Commerce Minister Wang Wentao warned on Thursday that downward pressure on China’s imports and exports will increase significantly this year, due to the risk of a global recession and weakened external demand.
– In dollar terms, imports fell more than exports, which indicates weak demand in both domestic and foreign markets, says Dan Wang, chief economist at Hang Seng Bank China.
The data pushed shares in Hong Kong and mainland China lower, erasing earlier gains. Hong Kong’s Hang Seng index was down 0.33% in late afternoon trade, while China’s CSI300 index was 1.46% weaker.
China’s imports of coal and soybeans rose from a year earlier, customs data showed, while crude oil arrivals fell 1.3%. Imports of natural gas fell by 9.4%.
Exports to the USA decreased by 21.8%, while imports from the USA fell by 5%. Exports to the EU fell by 12.2%, while imports fell by 5.5%.

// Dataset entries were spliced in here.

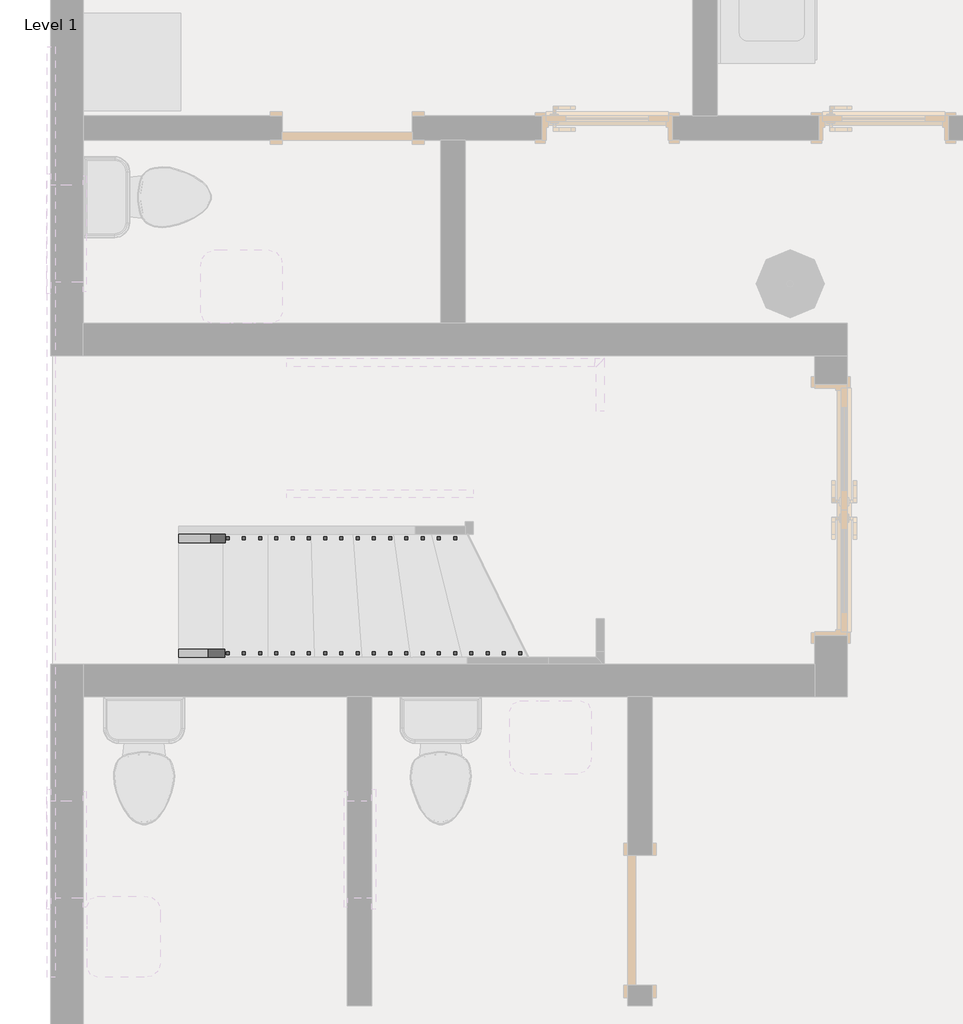
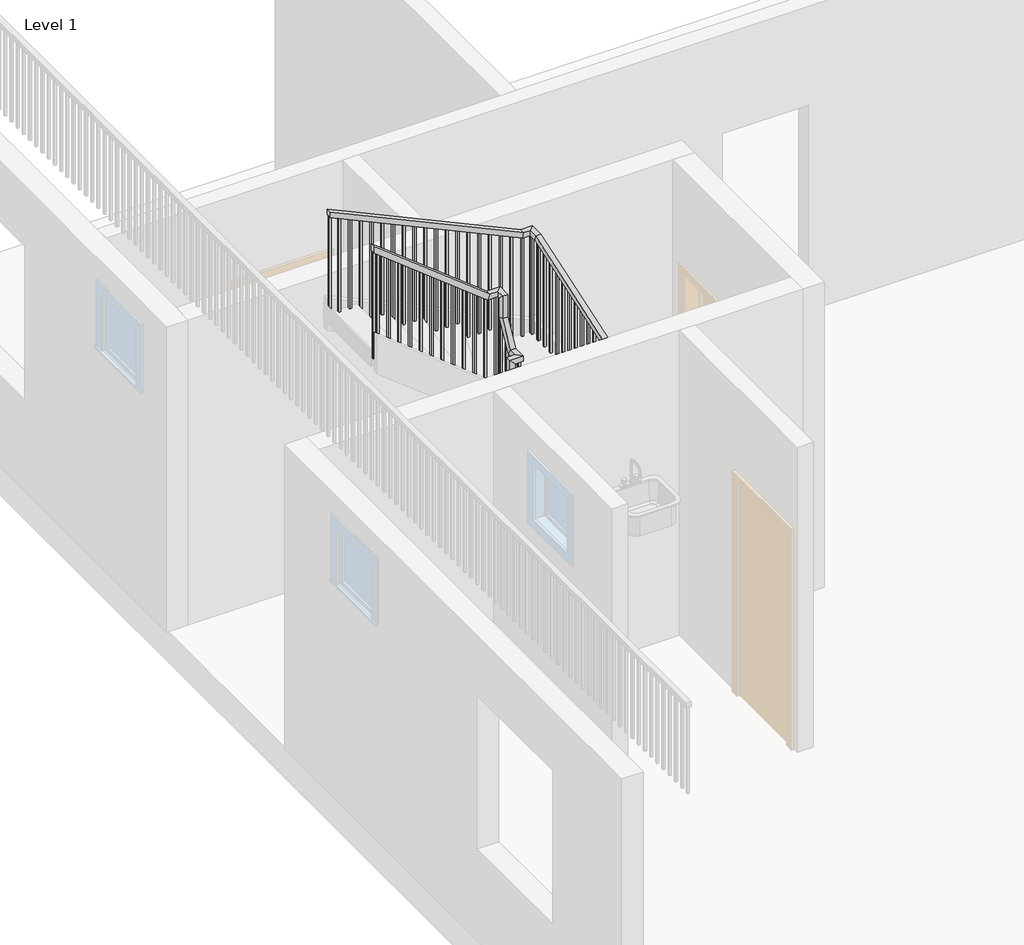
# One storey, part 4 of 7: 2 railings.
"""IFC4 building model written with IfcOpenShell, lengths in millimetres."""

from ifc_helpers import new_model, si_unit, frame, origin, place, context, project, spatial, polyline, outline, extrude, faceted_brep, element, save

model = new_model("IFC4")

# Units and contexts
model_context = context("Model", 3, world=origin())
ifc_project = project(units=[si_unit("LENGTHUNIT", "METRE", prefix="MILLI")], contexts=[model_context])

# Site, building, storey
site = spatial("IfcSite", under=ifc_project)
building = spatial("IfcBuilding", under=site)
storey = spatial("IfcBuildingStorey", under=building, Name="Level 1", Elevation=0.0)

# Railings
placement = place(None, origin())
element("IfcRailing", 1, ObjectType="Handrail - Rectangular", at=placement, inside=storey, context=model_context, shape_type="SolidModel", body=[
    faceted_brep([(-7679.0298583, 5229.7261204, 1101.5391642), (-7679.0298583, 5229.7261204, 1043.7493072), (-7679.0298583, 5178.9261204, 1043.7493072), (-7679.0298583, 5178.9261204, 1101.5391642), (-5235.2838113, 5229.7261204, 2426.8603355), (-5222.395286, 5229.7261204, 2376.0603355), (-5222.395286, 5178.9261204, 2376.0603355), (-5235.2838113, 5178.9261204, 2426.8603355), (-5120.1269231, 5229.7261204, 2376.0603355), (-5120.1269231, 5229.7261204, 2426.8603355), (-5120.1269231, 5429.9022511, 2426.8603355), (-5120.1269231, 5438.2536413, 2376.0603355), (-5069.3269231, 5178.9261204, 2376.0603355), (-5069.3269231, 5438.2536413, 2376.0603355), (-5069.3269231, 5178.9261204, 2426.8603355), (-5069.3269231, 5429.9022511, 2426.8603355), (-5120.1269231, 6946.2417743, 2857.587472), (-5120.1269231, 6946.2417743, 2908.387472), (-5180.0318978, 6946.2417743, 2908.387472), (-5191.2146936, 6946.2417743, 2857.587472), (-5069.3269231, 6997.0417743, 2857.587472), (-5191.2146936, 6997.0417743, 2857.587472), (-5069.3269231, 6997.0417743, 2908.387472), (-5180.0318978, 6997.0417743, 2908.387472), (-5120.1269231, 6854.8426939, 2908.387472), (-5120.1269231, 6863.1940841, 2857.587472), (-5069.3269231, 6863.1940841, 2857.587472), (-5069.3269231, 6854.8426939, 2908.387472), (-7005.4940547, 6946.2417743, 3753.0086233), (-7005.4940547, 6997.0417743, 3753.0086233), (-7005.4940547, 6997.0417743, 3697.0344673), (-7005.4940547, 6946.2417743, 3697.0344673)], [[[0, 1, 2, 3]], [[1, 0, 4, 5]], [[2, 1, 5, 6]], [[3, 2, 6, 7]], [[0, 3, 7, 4]], [[8, 9, 10, 11]], [[12, 8, 11, 13]], [[14, 12, 13, 15]], [[9, 14, 15, 10]], [[16, 17, 18, 19]], [[20, 16, 19, 21]], [[22, 20, 21, 23]], [[17, 22, 23, 18]], [[5, 4, 9, 8]], [[6, 5, 8, 12]], [[7, 6, 12, 14]], [[4, 7, 14, 9]], [[11, 10, 24, 25]], [[13, 11, 25, 26]], [[15, 13, 26, 27]], [[10, 15, 27, 24]], [[25, 24, 17, 16]], [[26, 25, 16, 20]], [[27, 26, 20, 22]], [[24, 27, 22, 17]], [[28, 29, 30, 31]], [[19, 18, 28, 31]], [[21, 19, 31, 30]], [[23, 21, 30, 29]], [[18, 23, 29, 28]]]),
    extrude(outline(polyline([(3647.1625419, -6897.7068978), (3655.9767662, -6916.7568978), (2709.3333333, -6916.7568978), (2709.3333333, -6897.7068978), (3647.1625419, -6897.7068978)])), frame((0.0, 6962.1167743, 0.0), z_axis=(0.0, 1.0, 0.0), x_axis=(0.0, 0.0, 1.0)), (0.0, 0.0, 1.0), 19.05),
    extrude(outline(polyline([(3600.1533456, -6796.1068978), (3608.9675699, -6815.1568978), (2709.3333333, -6815.1568978), (2709.3333333, -6796.1068978), (3600.1533456, -6796.1068978)])), frame((0.0, 6962.1167743, 0.0), z_axis=(0.0, 1.0, 0.0), x_axis=(0.0, 0.0, 1.0)), (0.0, 0.0, 1.0), 19.05),
    extrude(outline(polyline([(3553.1441492, -6694.5068978), (3561.9583735, -6713.5568978), (2540.0, -6713.5568978), (2540.0, -6694.5068978), (3553.1441492, -6694.5068978)])), frame((0.0, 6962.1167743, 0.0), z_axis=(0.0, 1.0, 0.0), x_axis=(0.0, 0.0, 1.0)), (0.0, 0.0, 1.0), 19.05),
    extrude(outline(polyline([(3506.1349529, -6592.9068978), (3514.9491772, -6611.9568978), (2540.0, -6611.9568978), (2540.0, -6592.9068978), (3506.1349529, -6592.9068978)])), frame((0.0, 6962.1167743, 0.0), z_axis=(0.0, 1.0, 0.0), x_axis=(0.0, 0.0, 1.0)), (0.0, 0.0, 1.0), 19.05),
    extrude(outline(polyline([(3459.1257565, -6491.3068978), (3467.9399808, -6510.3568978), (2540.0, -6510.3568978), (2540.0, -6491.3068978), (3459.1257565, -6491.3068978)])), frame((0.0, 6962.1167743, 0.0), z_axis=(0.0, 1.0, 0.0), x_axis=(0.0, 0.0, 1.0)), (0.0, 0.0, 1.0), 19.05),
    extrude(outline(polyline([(3412.1165601, -6389.7068978), (3420.9307845, -6408.7568978), (2370.6666667, -6408.7568978), (2370.6666667, -6389.7068978), (3412.1165601, -6389.7068978)])), frame((0.0, 6962.1167743, 0.0), z_axis=(0.0, 1.0, 0.0), x_axis=(0.0, 0.0, 1.0)), (0.0, 0.0, 1.0), 19.05),
    extrude(outline(polyline([(3365.1073638, -6288.1068978), (3373.9215881, -6307.1568978), (2370.6666667, -6307.1568978), (2370.6666667, -6288.1068978), (3365.1073638, -6288.1068978)])), frame((0.0, 6962.1167743, 0.0), z_axis=(0.0, 1.0, 0.0), x_axis=(0.0, 0.0, 1.0)), (0.0, 0.0, 1.0), 19.05),
    extrude(outline(polyline([(3318.0981674, -6186.5068978), (3326.9123918, -6205.5568978), (2370.6666667, -6205.5568978), (2370.6666667, -6186.5068978), (3318.0981674, -6186.5068978)])), frame((0.0, 6962.1167743, 0.0), z_axis=(0.0, 1.0, 0.0), x_axis=(0.0, 0.0, 1.0)), (0.0, 0.0, 1.0), 19.05),
    extrude(outline(polyline([(3271.0889711, -6084.9068978), (3279.9031954, -6103.9568978), (2201.3333333, -6103.9568978), (2201.3333333, -6084.9068978), (3271.0889711, -6084.9068978)])), frame((0.0, 6962.1167743, 0.0), z_axis=(0.0, 1.0, 0.0), x_axis=(0.0, 0.0, 1.0)), (0.0, 0.0, 1.0), 19.05),
    extrude(outline(polyline([(3224.0797747, -5983.3068978), (3232.8939991, -6002.3568978), (2201.3333333, -6002.3568978), (2201.3333333, -5983.3068978), (3224.0797747, -5983.3068978)])), frame((0.0, 6962.1167743, 0.0), z_axis=(0.0, 1.0, 0.0), x_axis=(0.0, 0.0, 1.0)), (0.0, 0.0, 1.0), 19.05),
    extrude(outline(polyline([(3177.0705784, -5881.7068978), (3185.8848027, -5900.7568978), (2201.3333333, -5900.7568978), (2201.3333333, -5881.7068978), (3177.0705784, -5881.7068978)])), frame((0.0, 6962.1167743, 0.0), z_axis=(0.0, 1.0, 0.0), x_axis=(0.0, 0.0, 1.0)), (0.0, 0.0, 1.0), 19.05),
    extrude(outline(polyline([(3130.061382, -5780.1068978), (3138.8756063, -5799.1568978), (2201.3333333, -5799.1568978), (2201.3333333, -5780.1068978), (3130.061382, -5780.1068978)])), frame((0.0, 6962.1167743, 0.0), z_axis=(0.0, 1.0, 0.0), x_axis=(0.0, 0.0, 1.0)), (0.0, 0.0, 1.0), 19.05),
    extrude(outline(polyline([(3083.0521857, -5678.5068978), (3091.86641, -5697.5568978), (2032.0, -5697.5568978), (2032.0, -5678.5068978), (3083.0521857, -5678.5068978)])), frame((0.0, 6962.1167743, 0.0), z_axis=(0.0, 1.0, 0.0), x_axis=(0.0, 0.0, 1.0)), (0.0, 0.0, 1.0), 19.05),
    extrude(outline(polyline([(3036.0429893, -5576.9068978), (3044.8572136, -5595.9568978), (2032.0, -5595.9568978), (2032.0, -5576.9068978), (3036.0429893, -5576.9068978)])), frame((0.0, 6962.1167743, 0.0), z_axis=(0.0, 1.0, 0.0), x_axis=(0.0, 0.0, 1.0)), (0.0, 0.0, 1.0), 19.05),
    extrude(outline(polyline([(2989.033793, -5475.3068978), (2997.8480173, -5494.3568978), (2032.0, -5494.3568978), (2032.0, -5475.3068978), (2989.033793, -5475.3068978)])), frame((0.0, 6962.1167743, 0.0), z_axis=(0.0, 1.0, 0.0), x_axis=(0.0, 0.0, 1.0)), (0.0, 0.0, 1.0), 19.05),
    extrude(outline(polyline([(2942.0245966, -5373.7068978), (2950.8388209, -5392.7568978), (2032.0, -5392.7568978), (2032.0, -5373.7068978), (2942.0245966, -5373.7068978)])), frame((0.0, 6962.1167743, 0.0), z_axis=(0.0, 1.0, 0.0), x_axis=(0.0, 0.0, 1.0)), (0.0, 0.0, 1.0), 19.05),
    extrude(outline(polyline([(2895.0154003, -5272.1068978), (2903.8296246, -5291.1568978), (1862.6666667, -5291.1568978), (1862.6666667, -5272.1068978), (2895.0154003, -5272.1068978)])), frame((0.0, 6962.1167743, 0.0), z_axis=(0.0, 1.0, 0.0), x_axis=(0.0, 0.0, 1.0)), (0.0, 0.0, 1.0), 19.05),
    extrude(outline(polyline([(-5085.2019231, 6946.9176939), (-5104.2519231, 6946.9176939), (-5104.2519231, 6965.9676939), (-5085.2019231, 6965.9676939), (-5085.2019231, 6946.9176939)])), frame((0.0, 0.0, 1862.6666667), z_axis=(0.0, 0.0, 1.0), x_axis=(1.0, 0.0, 0.0)), (0.0, 0.0, 1.0), 994.9208054),
    extrude(outline(polyline([(6842.7772511, 2850.6880545), (6861.8272511, 2857.125581), (6861.8272511, 1862.6666667), (6842.7772511, 1862.6666667), (6842.7772511, 2850.6880545)])), frame((-5104.2519231, 0.0, 0.0), z_axis=(1.0, 0.0, 0.0), x_axis=(0.0, 1.0, 0.0)), (0.0, 0.0, 1.0), 19.05),
    extrude(outline(polyline([(6741.1772511, 2816.3545795), (6760.2272511, 2822.792106), (6760.2272511, 1862.6666667), (6741.1772511, 1862.6666667), (6741.1772511, 2816.3545795)])), frame((-5104.2519231, 0.0, 0.0), z_axis=(1.0, 0.0, 0.0), x_axis=(0.0, 1.0, 0.0)), (0.0, 0.0, 1.0), 19.05),
    extrude(outline(polyline([(6639.5772511, 2782.0211045), (6658.6272511, 2788.458631), (6658.6272511, 1862.6666667), (6639.5772511, 1862.6666667), (6639.5772511, 2782.0211045)])), frame((-5104.2519231, 0.0, 0.0), z_axis=(1.0, 0.0, 0.0), x_axis=(0.0, 1.0, 0.0)), (0.0, 0.0, 1.0), 19.05),
    extrude(outline(polyline([(6537.9772511, 2747.6876295), (6557.0272511, 2754.125156), (6557.0272511, 1862.6666667), (6537.9772511, 1862.6666667), (6537.9772511, 2747.6876295)])), frame((-5104.2519231, 0.0, 0.0), z_axis=(1.0, 0.0, 0.0), x_axis=(0.0, 1.0, 0.0)), (0.0, 0.0, 1.0), 19.05),
    extrude(outline(polyline([(6436.3772511, 2713.3541545), (6455.4272511, 2719.791681), (6455.4272511, 1693.3333333), (6436.3772511, 1693.3333333), (6436.3772511, 2713.3541545)])), frame((-5104.2519231, 0.0, 0.0), z_axis=(1.0, 0.0, 0.0), x_axis=(0.0, 1.0, 0.0)), (0.0, 0.0, 1.0), 19.05),
    extrude(outline(polyline([(6334.7772511, 2679.0206795), (6353.8272511, 2685.458206), (6353.8272511, 1693.3333333), (6334.7772511, 1693.3333333), (6334.7772511, 2679.0206795)])), frame((-5104.2519231, 0.0, 0.0), z_axis=(1.0, 0.0, 0.0), x_axis=(0.0, 1.0, 0.0)), (0.0, 0.0, 1.0), 19.05),
    extrude(outline(polyline([(6233.1772511, 2644.6872045), (6252.2272511, 2651.124731), (6252.2272511, 1693.3333333), (6233.1772511, 1693.3333333), (6233.1772511, 2644.6872045)])), frame((-5104.2519231, 0.0, 0.0), z_axis=(1.0, 0.0, 0.0), x_axis=(0.0, 1.0, 0.0)), (0.0, 0.0, 1.0), 19.05),
    extrude(outline(polyline([(6131.5772511, 2610.3537294), (6150.6272511, 2616.791256), (6150.6272511, 1693.3333333), (6131.5772511, 1693.3333333), (6131.5772511, 2610.3537294)])), frame((-5104.2519231, 0.0, 0.0), z_axis=(1.0, 0.0, 0.0), x_axis=(0.0, 1.0, 0.0)), (0.0, 0.0, 1.0), 19.05),
    extrude(outline(polyline([(6029.9772511, 2576.0202544), (6049.0272511, 2582.457781), (6049.0272511, 1693.3333333), (6029.9772511, 1693.3333333), (6029.9772511, 2576.0202544)])), frame((-5104.2519231, 0.0, 0.0), z_axis=(1.0, 0.0, 0.0), x_axis=(0.0, 1.0, 0.0)), (0.0, 0.0, 1.0), 19.05),
    extrude(outline(polyline([(5928.3772511, 2541.6867794), (5947.4272511, 2548.124306), (5947.4272511, 1524.0), (5928.3772511, 1524.0), (5928.3772511, 2541.6867794)])), frame((-5104.2519231, 0.0, 0.0), z_axis=(1.0, 0.0, 0.0), x_axis=(0.0, 1.0, 0.0)), (0.0, 0.0, 1.0), 19.05),
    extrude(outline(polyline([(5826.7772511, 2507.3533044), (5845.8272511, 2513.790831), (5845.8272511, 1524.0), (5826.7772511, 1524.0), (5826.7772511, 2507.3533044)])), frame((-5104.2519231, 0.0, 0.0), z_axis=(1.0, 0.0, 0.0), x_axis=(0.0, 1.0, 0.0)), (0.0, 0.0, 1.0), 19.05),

Customs publishes combined trade data for January and February to smooth out distortions caused by the changing timing of the Lunar New Year, which this year fell in January.
Economists expect imports to recover gradually as consumer confidence returns after the lifting of COVID-19 restrictions in December, but they say the slowdown abroad could also hold down the volume of goods entering China.
In February, manufacturing activity increased at the fastest pace in more than a decade, data from the National Bureau of Statistics showed last week, giving economists cause for optimism.
Factory activity readings from other Asian economies for February were more subdued, but that reinforced views that conditions abroad were more sluggish.